Team BMR once again proved just how much an operation can achieve in the British Touring Car Championship when it is run in the correct manner. Warren Scott has steadily built his team from mid-field contenders, to championship fighters and now to the much envied status of a manufacturer backed team. The travails of the first three rounds of the 2016 season, where the recalcitrant Subaru engine was both down on power and blighted by mechanical maladies, were a distant memory come Finals Day. The fact that both Colin Turkington and Jason Plato were able to go to the Brands Hatch GP circuit with a shot at the crown spoke volumes about the progression of the BMR Subaru package as the season went on. Turkington made it all the way to the final race before his hopes were ultimately extinguished, having become the first man to claim two wins in a day during the final meeting of the season. Whatever balancing measures are applied for 2017, the Subarus will doubtless be in the fight from the very first round. Their rivals should be worried. Very worried. – Lee Bonham

Garage 59

Okay, they were the factory McLaren team in the Blancpain GT Series but with just two McLaren 650S GT3s fighting the hoards of Belgian Audi Club Team WRT Audi R8 LMSs and HTP Motorsport Mercedes AMGs they held their own in the Endurance Cup and walked away with top honours. With good pit work, strong tactical nouse and some Antipodean muscle in the shape of Shane van Gisbergen the team had a good year not just in the Endurance Cup, but the Sprint Cup as well where Rob Bell found himself not just with the Endurance Cup honours (won alongside van Gisbergen and Come Ledogar) but with a good chance of the overall Blancpain GT Series title within his grasp. That unfortunately didn’t come to pass, but it shows how strong the team was all year. It is also worth remembering that in addition to pros like SVG and Bell, there was a supporting cast of young racers who showed they are more than worthy of their place at the top level of GT3 racing. The support shown to Come Ledogar, Struan Moore, Alex Fontana and Andrew Watson by Garage 59 was repaid in spades with a number of eye-catching displays throughout the season. – Joe Hudson

Credit: Adrenal Media

Aston Martin Racing (GTE)

AMR finally ticked off the World Endurance Championship GTE-Pro title with victory at the season-ending 6 Hours of Bahrain. Despite going up against the turbocharged (and theoretically quicker) Ferrari 488s and Ford GTs, the naturally aspirated Aston Martin Vantage held its own to claim both the drivers’ and manufacturers’ crowns. A late tyre switch to Dunlop at the start of the season forced the Astons to play catch up during the opening rounds with pace swinging the way of its rivals, but as 2016 progressed so too did the development of the tyres and soon enough the British national anthem started receiving more and more airtime on the podium.

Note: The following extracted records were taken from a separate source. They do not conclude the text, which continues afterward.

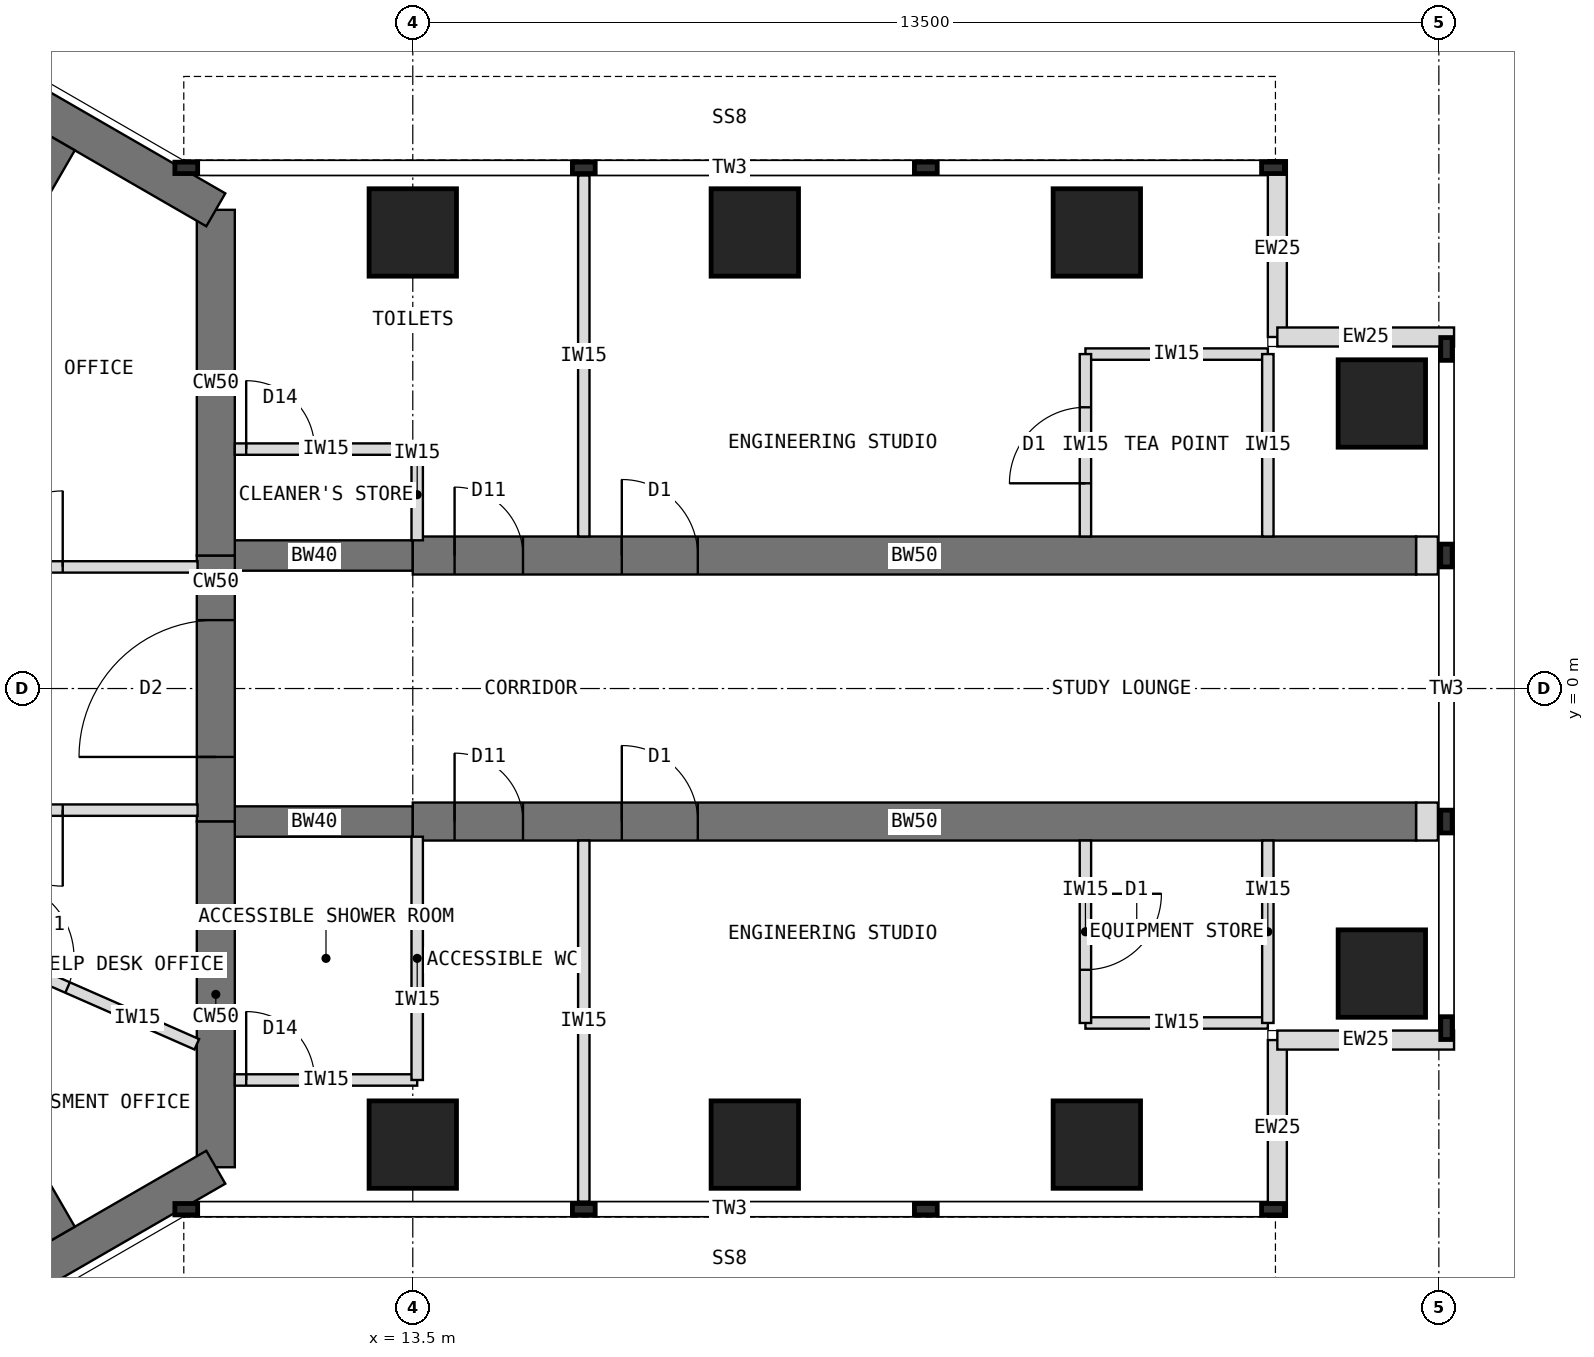
"""IFC4 building model, lengths in metres.
Left out: names, types, materials, properties, quantities, classifications, styles, units other than length and angle.
Written with IfcOpenShell. Run it as: python <this file> out.ifc"""

import sys

from ifc_helpers import new_model, si_unit, direction, frame, frame_2d, origin, origin_2d, place, context, subcontext, project, spatial, rectangle, extrude, element, fill, save


model = new_model("IFC4")
c1 = context("Model", 3, precision=1e-05, world=origin(), true_north=direction((0.0, 1.0)))
c2 = subcontext(c1, "Body", "Model", "MODEL_VIEW")
j1 = project(units=[si_unit("LENGTHUNIT", "METRE"), si_unit("PLANEANGLEUNIT", "RADIAN")], contexts=[c1])
p1 = place(None, origin())
s1 = spatial("IfcSite", under=j1, at=p1, CompositionType="ELEMENT")
p2 = place(p1, origin())
s2 = spatial("IfcBuilding", under=s1, at=p2, CompositionType="ELEMENT")
p3 = place(p2, frame((0.0, 0.0, 194.5)))
s3 = spatial("IfcBuildingStorey", under=s2, at=p3, CompositionType="ELEMENT", Elevation=194.5)
p4 = place(p3, frame((10.908, -6.298, 0.0), z_axis=(0.0, 0.0, 1.0), x_axis=(0.0, 1.0, 0.0)))
e1 = element("IfcWall", 1, at=p4, inside=s3, PredefinedType="SHEAR", context=c2, shape_type="SweptSolid", body=[
    extrude(rectangle(XDim=4.548, YDim=0.5, at=frame_2d((2.274, 0.0))), origin(), (0.0, 0.0, 1.0), 4.0),
])
p5 = place(p3, frame((10.908, -1.75, 0.0), z_axis=(0.0, 0.0, 1.0), x_axis=(0.0, 1.0, 0.0)))
e2 = element("IfcWall", 2, at=p5, inside=s3, PredefinedType="SHEAR", context=c2, shape_type="SweptSolid", body=[
    extrude(rectangle(XDim=3.5, YDim=0.5, at=frame_2d((1.75, 0.0))), origin(), (0.0, 0.0, 1.0), 4.0),
])
p6 = place(p5, frame((0.85, 0.0, 0.0)))
e3 = element("IfcOpeningElement", 3, at=p6, cuts=e2, PredefinedType="OPENING", context=c2, shape_type="SweptSolid", body=[
    extrude(rectangle(XDim=1.8, YDim=2.1, at=frame_2d((0.9, 1.05))), frame((0.0, 0.26, 0.0), z_axis=(0.0, -1.0, 0.0), x_axis=(1.0, 0.0, 0.0)), (0.0, 0.0, 1.0), 0.52),
])
p7 = place(p3, frame((10.908, 1.75, 0.0), z_axis=(0.0, 0.0, 1.0), x_axis=(0.0, 1.0, 0.0)))
e4 = element("IfcWall", 4, at=p7, inside=s3, PredefinedType="SHEAR", context=c2, shape_type="SweptSolid", body=[
    extrude(rectangle(XDim=4.548, YDim=0.5, at=frame_2d((2.274, 0.0))), origin(), (0.0, 0.0, 1.0), 4.0),
])
for number, where, z_axis, x_axis in (
    (5, (10.908, 6.298, 0.0), (0.0, 0.0, 1.0), (-0.866, 0.5, 0.0)),
    (6, (0.0, -12.596, 0.0), (0.0, 0.0, 1.0), (0.866, 0.5, 0.0)),
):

Drivers’ champions Nicki Thiim and Marco Sorensen were near-perfect in 2016: the only major hiccup being a nasty roll for Thiim at the 6 Hours of Spa in May which led to the #95 car’s retirement. Elsewhere in the season, Aston Martin shone despite going up against the ever-changing balance of performance measures imposed by the WEC to even out the GTE competition. Thiim and Sorensen stood on the podium six times, including two wins at Austin and Bahrain, to beat the rival Ferrari pairing of Sam Bird and Davide Rigon by 22 points.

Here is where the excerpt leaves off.